For particular reasons I won’t go into here, when it comes to backing up family photos–photos taken by my family’s digital cameras and various phones–I try to pull all those files together periodically and back them up under one common folder on my NAS, organized in year and month sub-directories.  The process works out well for the most part but I occasionally have to deal with the problem of duplicate files–files I’ve already backed up once but weren’t removed from the device in question–or, worse, files sharing the same name but are entirely different pictures.

Compare-Object

One way to identify these problems is with PowerShell’s Compare-Object cmdlet.  Imagine this scenario: I have a folder of pictures I downloaded from one of my kids’ phones.  That folder contains pictures taken in both June and July but I only want to determine if there are any new July pictures that I need to backup.  I can run the following at the PowerShell command prompt:


1
2
3
4
PS > $backed_up_files = gci "C:\my_nas_backup\Pictures\2018\July"
PS > $files_to_be_backed_up = gci "J:\104APPLE" | ? {$_.LastWriteTime -ge "2018-07-01" -and $_.LastWriteTime -lt "2018-08-01"}
PS > $c = compare -ReferenceObject $files_to_be_backed_up -DifferenceObject $backed_up_files
PS > $c | ? {$_.SideIndicator -eq "<="}

This produces a list of files that are not presently backed up, but I have two problems with this approach:

  1. The Compare-Object cmdlet can be slow, often taking several seconds to run, particularly if you have a few thousand photos to examine and
  2. More importantly, if you have photos that share the same filename yet are completely different photos, Compare-Object doesn’t seem to be smart enough to see the difference and point this out.

Enter Robocopy, FTW

There are lots of hidden gems in Windows, not the least of which is Robust File Copy (robocopy for short).  Robocopy is a fast and clever command line tool for copying folders and files and a great solution for some of your more challenging backup needs.  Leveraging some help from this post, I constructed the following robocopy command to see what July photos still needed backing up:


1
C:\>robocopy "J:\104APPLE" "C:\my_nas_backup\Pictures\2018\July" /l /ns /ndl /njs /njh /xx /minage:20180801 /maxage:20180701 /log:rc_july.log

Lot of command line arguments there!  Here are their explanations:

  • l – List only – don’t copy (this will just list out the files robocopy would normally want to copy over)
  • ns – don’t log file sizes
  • ndl – don’t log directory names (I’m only looking at files, not directories, anyway)
  • njs – No Job Summary (trying to keep my log file trim)
  • njh – No Job Header
  • xx – eXclude eXtra files and directories; “extra” files seem to be those files already in my backup folder.  For this particular problem, I only want to know about files I’ve yet to back up.
  • minage – exclude files newer than n days/date
  • maxage – exclude files older than n days/date (I only want photos taken in July, so I need to set these values accordingly)
  • log – output status to LOG file (the results of the comparison will be written to this file)
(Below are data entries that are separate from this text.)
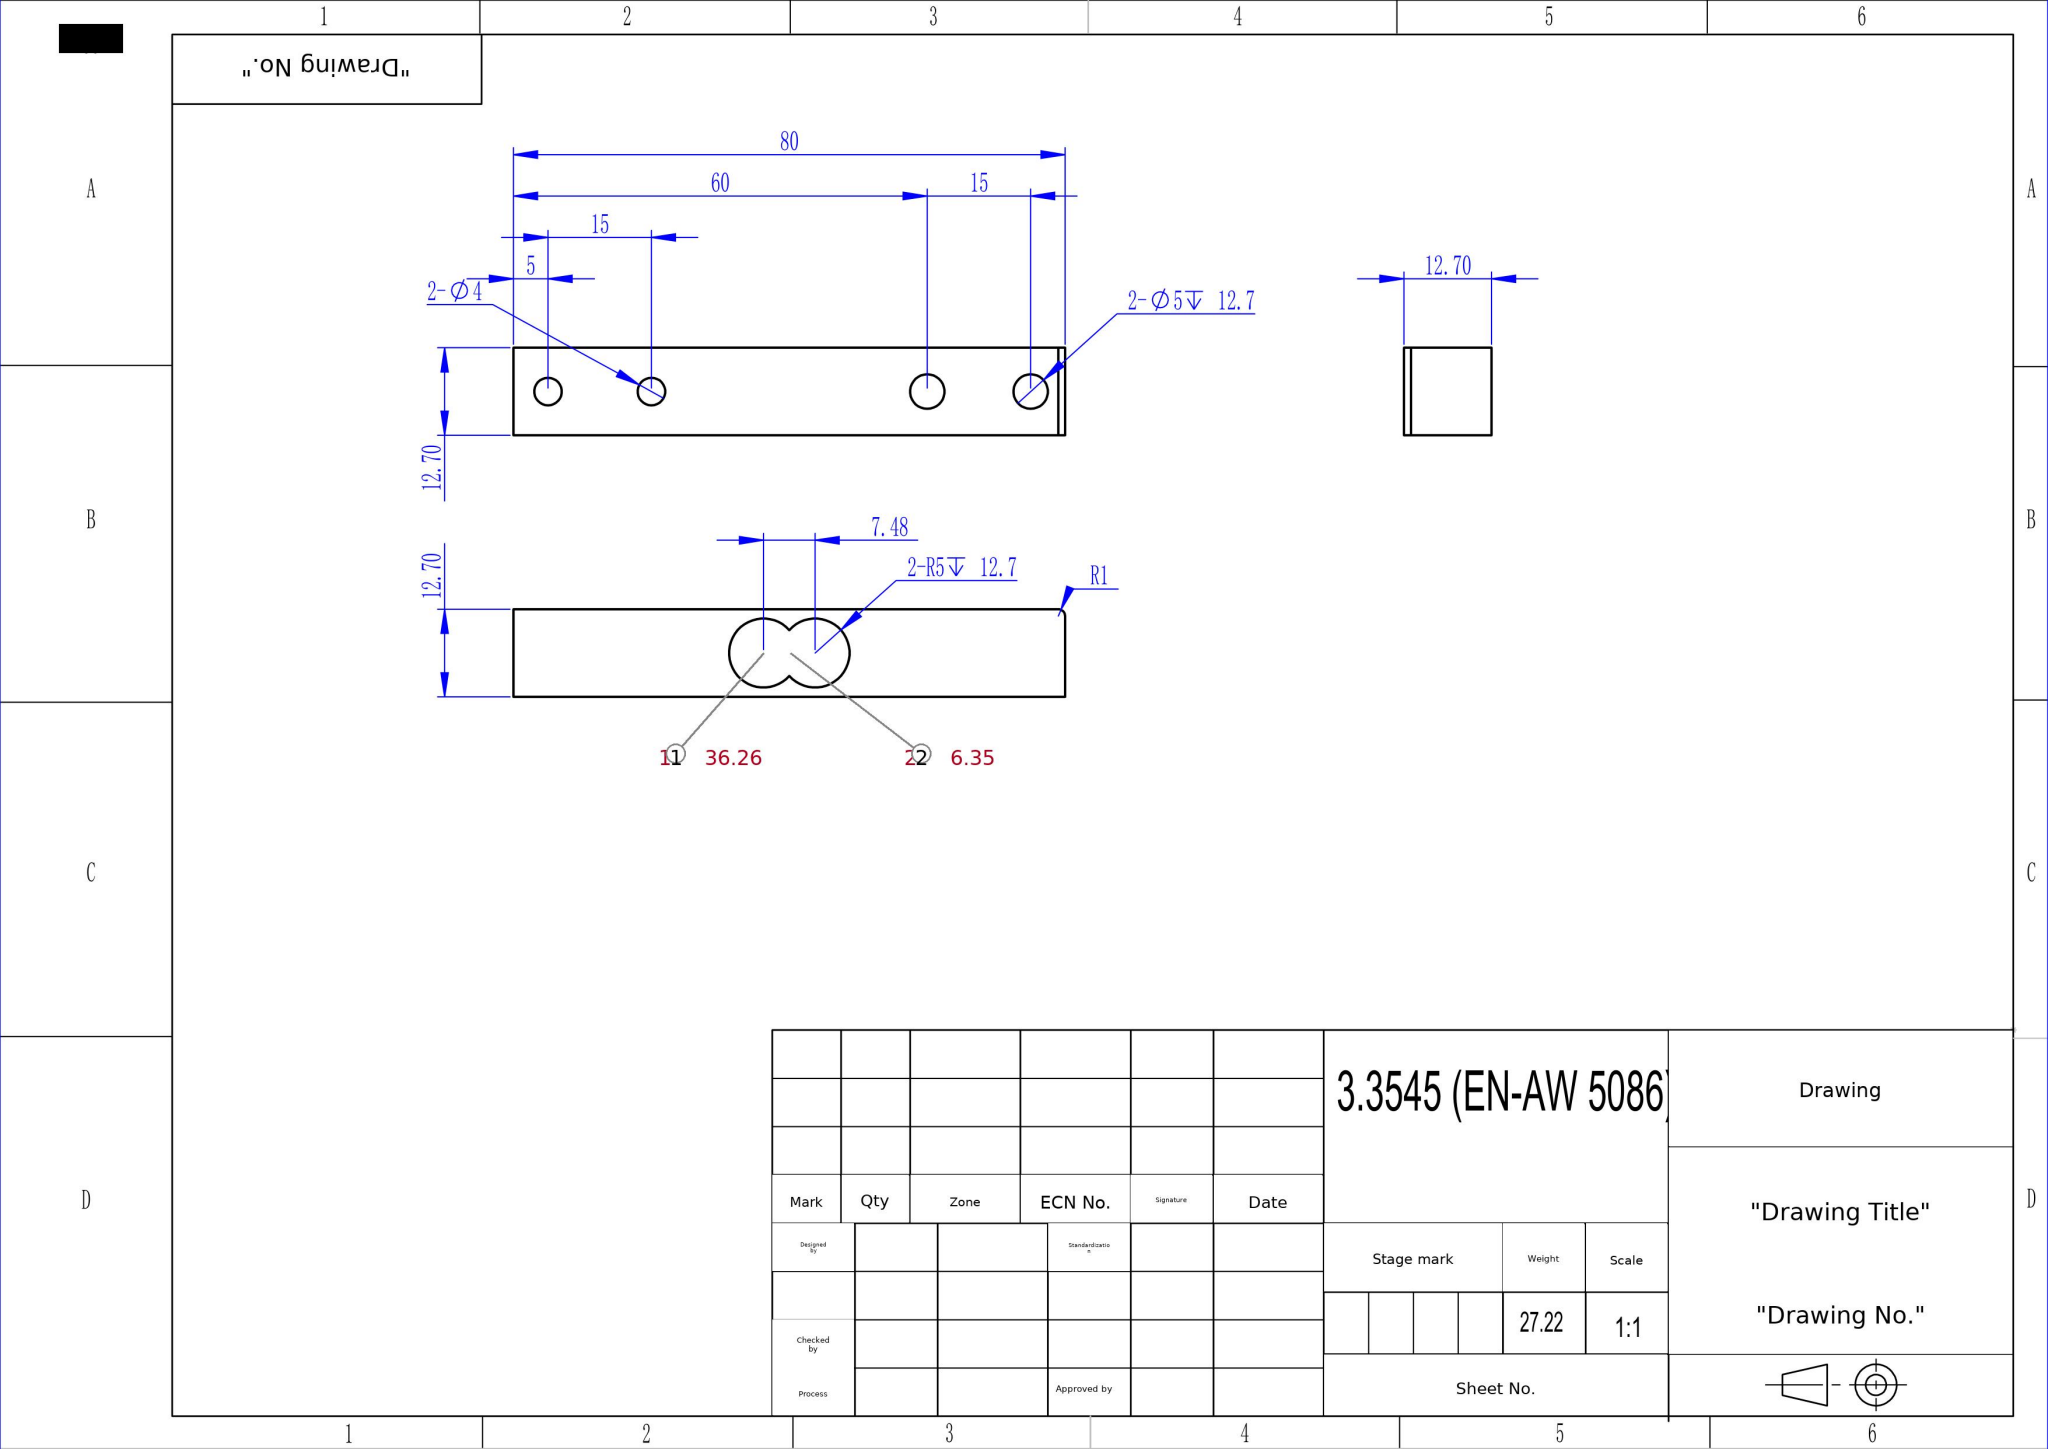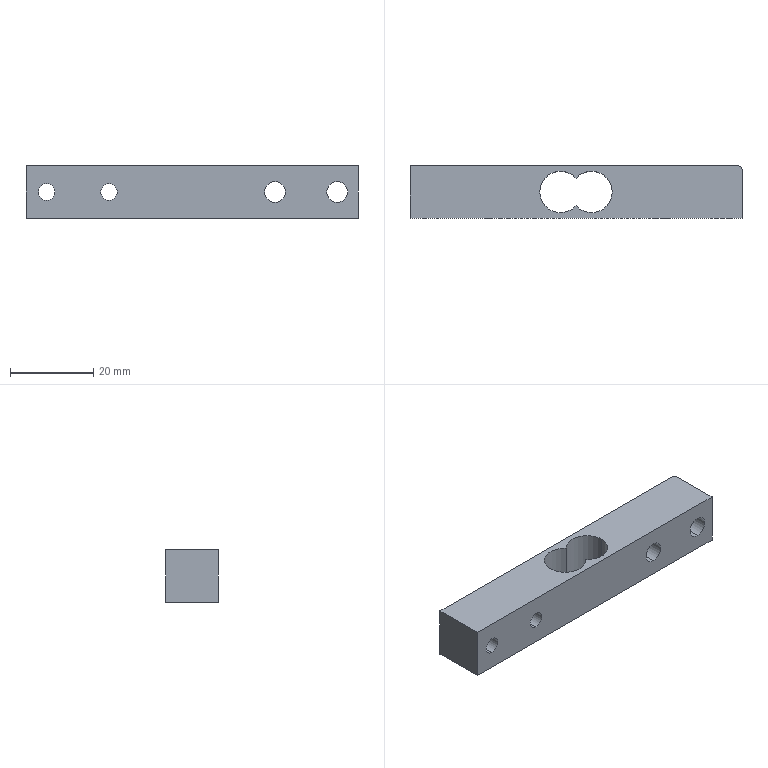Part | SolidWorks | mm | material 3.354 (EN-AW 5086) | 1 solid | 18 faces | box 80 x 12.7 x 12.7 mm | volume 10234 mm3 | cylinder 12 | plane 6 | commonest cylinder face diameters 5 x4 4 x4 10 x3 2 x1
build123d program:
from build123d import *

# Parameters (mm, degrees)
SKETCH1_W           = 80
SKETCH1_H           = 12.7
SKETCH1_R           = 2
BOSS_EXTRUDE1_DEPTH = 12.7
CUT_EXTRUDE1_DEPTH  = 12.7
SKETCH3_R           = 2.5
CUT_EXTRUDE2_DEPTH  = 12.7
FILLET1_R           = 1


with BuildPart() as part:
    # Sketch1 → Boss-Extrude1 (new body)
    with BuildSketch(Plane(origin=(0, 0, 0), x_dir=(1, 0, 0), z_dir=(0, 1, 0))):
        Rectangle(SKETCH1_W, SKETCH1_H)
        with Locations(Location((-35, 0, 0), (0, 0, 270))):
            Circle(SKETCH1_R, mode=Mode.SUBTRACT)
        with Locations(Location((-20, 0, 0), (0, 0, 270))):
            Circle(SKETCH1_R, mode=Mode.SUBTRACT)
        with Locations(Location((20, 0, 0), (0, 0, 90))):
            Circle(SKETCH1_R, mode=Mode.SUBTRACT)
        with Locations(Location((35, 0, 0), (0, 0, 90))):
            Circle(SKETCH1_R, mode=Mode.SUBTRACT)
    extrude(amount=BOSS_EXTRUDE1_DEPTH)

    # Sketch2 → Cut-Extrude1 (cut)
    with BuildSketch(Plane.XY.offset(6.35)):
        with BuildLine():
            ThreePointArc((0, 9.67), (-8.738, 6.35), (0, 3.03))
            ThreePointArc((0, 3.03), (8.738, 6.35), (0, 9.67))
        make_face()
    extrude(amount=-CUT_EXTRUDE1_DEPTH, mode=Mode.SUBTRACT)

    # Sketch3 → Cut-Extrude2 (cut)
    with BuildSketch(Plane(origin=(0, 12.7, 0), x_dir=(1, 0, 0), z_dir=(0, 1, 0))):
        with Locations(Location((20, 0, 0), (0, 0, 270))):
            Circle(SKETCH3_R)
        with Locations(Location((35, 0, 0), (0, 0, 270))):
            Circle(SKETCH3_R)
    extrude(amount=-CUT_EXTRUDE2_DEPTH, mode=Mode.SUBTRACT)

    # Fillet1
    fillet1_edges = [part.edges().sort_by_distance(p)[0] for p in [
        (40, 12.7, 0),
    ]]
    fillet(fillet1_edges, radius=FILLET1_R)


solid = part.part
STEP:
#1=CARTESIAN_POINT('',(20.,0.,-2.5));
#2=VERTEX_POINT('',#1);
#3=CARTESIAN_POINT('',(20.,0.,2.5));
#4=VERTEX_POINT('',#3);
#5=CARTESIAN_POINT('',(20.,0.,0.));
#6=DIRECTION('',(0.,1.,0.));
#7=DIRECTION('',(0.,0.,1.));
#8=AXIS2_PLACEMENT_3D('',#5,#6,#7);
#9=CIRCLE('',#8,2.5);
#10=EDGE_CURVE('',#2,#4,#9,.T.);
#11=ORIENTED_EDGE('',*,*,#10,.F.);
#12=CARTESIAN_POINT('',(20.,12.7,-2.5));
#13=VERTEX_POINT('',#12);
#14=CARTESIAN_POINT('',(20.,0.,-2.5));
#15=DIRECTION('',(0.,1.,0.));
#16=VECTOR('',#15,1000.);
#17=LINE('',#14,#16);
#18=EDGE_CURVE('',#2,#13,#17,.T.);
#19=ORIENTED_EDGE('',*,*,#18,.T.);
#20=CARTESIAN_POINT('',(20.,12.7,2.5));
#21=VERTEX_POINT('',#20);
#22=CARTESIAN_POINT('',(20.,12.7,0.));
#23=DIRECTION('',(0.,1.,0.));
#24=DIRECTION('',(0.,0.,1.));
#25=AXIS2_PLACEMENT_3D('',#22,#23,#24);
#26=CIRCLE('',#25,2.5);
#27=EDGE_CURVE('',#13,#21,#26,.T.);
#28=ORIENTED_EDGE('',*,*,#27,.T.);
#29=CARTESIAN_POINT('',(20.,0.,2.5));
#30=DIRECTION('',(0.,1.,0.));
#31=VECTOR('',#30,1000.);
#32=LINE('',#29,#31);
#33=EDGE_CURVE('',#4,#21,#32,.T.);
#34=ORIENTED_EDGE('',*,*,#33,.F.);
#35=EDGE_LOOP('',(#11,#19,#28,#34));
#36=FACE_OUTER_BOUND('',#35,.T.);
#37=CARTESIAN_POINT('',(20.,0.,0.));
#38=DIRECTION('',(0.,1.,0.));
#39=DIRECTION('',(0.,0.,1.));
#40=AXIS2_PLACEMENT_3D('',#37,#38,#39);
#41=CYLINDRICAL_SURFACE('',#40,2.5);
#42=ADVANCED_FACE('',(#36),#41,.F.);
#43=CARTESIAN_POINT('',(35.,0.,-2.5));
#44=VERTEX_POINT('',#43);
#45=CARTESIAN_POINT('',(35.,0.,2.5));
#46=VERTEX_POINT('',#45);
#47=CARTESIAN_POINT('',(35.,0.,0.));
#48=DIRECTION('',(0.,1.,0.));
#49=DIRECTION('',(0.,0.,1.));
#50=AXIS2_PLACEMENT_3D('',#47,#48,#49);
#51=CIRCLE('',#50,2.5);
#52=EDGE_CURVE('',#44,#46,#51,.T.);
#53=ORIENTED_EDGE('',*,*,#52,.F.);
#54=CARTESIAN_POINT('',(35.,12.7,-2.5));
#55=VERTEX_POINT('',#54);
#56=CARTESIAN_POINT('',(35.,0.,-2.5));
#57=DIRECTION('',(0.,1.,0.));
#58=VECTOR('',#57,1000.);
#59=LINE('',#56,#58);
#60=EDGE_CURVE('',#44,#55,#59,.T.);
#61=ORIENTED_EDGE('',*,*,#60,.T.);
#62=CARTESIAN_POINT('',(35.,12.7,2.5));
#63=VERTEX_POINT('',#62);
#64=CARTESIAN_POINT('',(35.,12.7,0.));
#65=DIRECTION('',(0.,1.,0.));
#66=DIRECTION('',(0.,0.,1.));
#67=AXIS2_PLACEMENT_3D('',#64,#65,#66);
#68=CIRCLE('',#67,2.5);
#69=EDGE_CURVE('',#55,#63,#68,.T.);
#70=ORIENTED_EDGE('',*,*,#69,.T.);
#71=CARTESIAN_POINT('',(35.,0.,2.5));
#72=DIRECTION('',(0.,1.,0.));
#73=VECTOR('',#72,1000.);
#74=LINE('',#71,#73);
#75=EDGE_CURVE('',#46,#63,#74,.T.);
#76=ORIENTED_EDGE('',*,*,#75,.F.);
#77=EDGE_LOOP('',(#53,#61,#70,#76));
#78=FACE_OUTER_BOUND('',#77,.T.);
#79=CARTESIAN_POINT('',(35.,0.,0.));
#80=DIRECTION('',(0.,1.,0.));
#81=DIRECTION('',(0.,0.,1.));
#82=AXIS2_PLACEMENT_3D('',#79,#80,#81);
#83=CYLINDRICAL_SURFACE('',#82,2.5);
#84=ADVANCED_FACE('',(#78),#83,.F.);
#85=CARTESIAN_POINT('',(8.738,6.35,-6.35));
#86=VERTEX_POINT('',#85);
#87=CARTESIAN_POINT('',(-0.,9.67,-6.35));
#88=VERTEX_POINT('',#87);
#89=CARTESIAN_POINT('',(3.738,6.35,-6.35));
#90=DIRECTION('',(0.,0.,1.));
#91=DIRECTION('',(-1.,0.,0.));
#92=AXIS2_PLACEMENT_3D('',#89,#90,#91);
#93=CIRCLE('',#92,5.);
#94=EDGE_CURVE('',#86,#88,#93,.T.);
#95=ORIENTED_EDGE('',*,*,#94,.F.);
#96=CARTESIAN_POINT('',(8.738,6.35,6.35));
#97=VERTEX_POINT('',#96);
#98=CARTESIAN_POINT('',(8.738,6.35,-6.35));
#99=DIRECTION('',(0.,0.,1.));
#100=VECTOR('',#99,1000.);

Robocopy applies different labels to the files it examines.  In my case, it applied the “extra” label to photos already in my backup directory.  Since I’m not concerned about these, I used the “xx” argument to suppress that information.  Next, it applied the label “new” to files in the phone directory but not in the backup directory.  Those are photos I definitely need to add to the backup.  Finally, it applied the label “newer” to photos in both directories that share the same file names but are completely different photos.  Sweet!

All this and robocopy copy ran in sub-seconds.  I think this will be my go-to tool going forward when comparing photos for backup.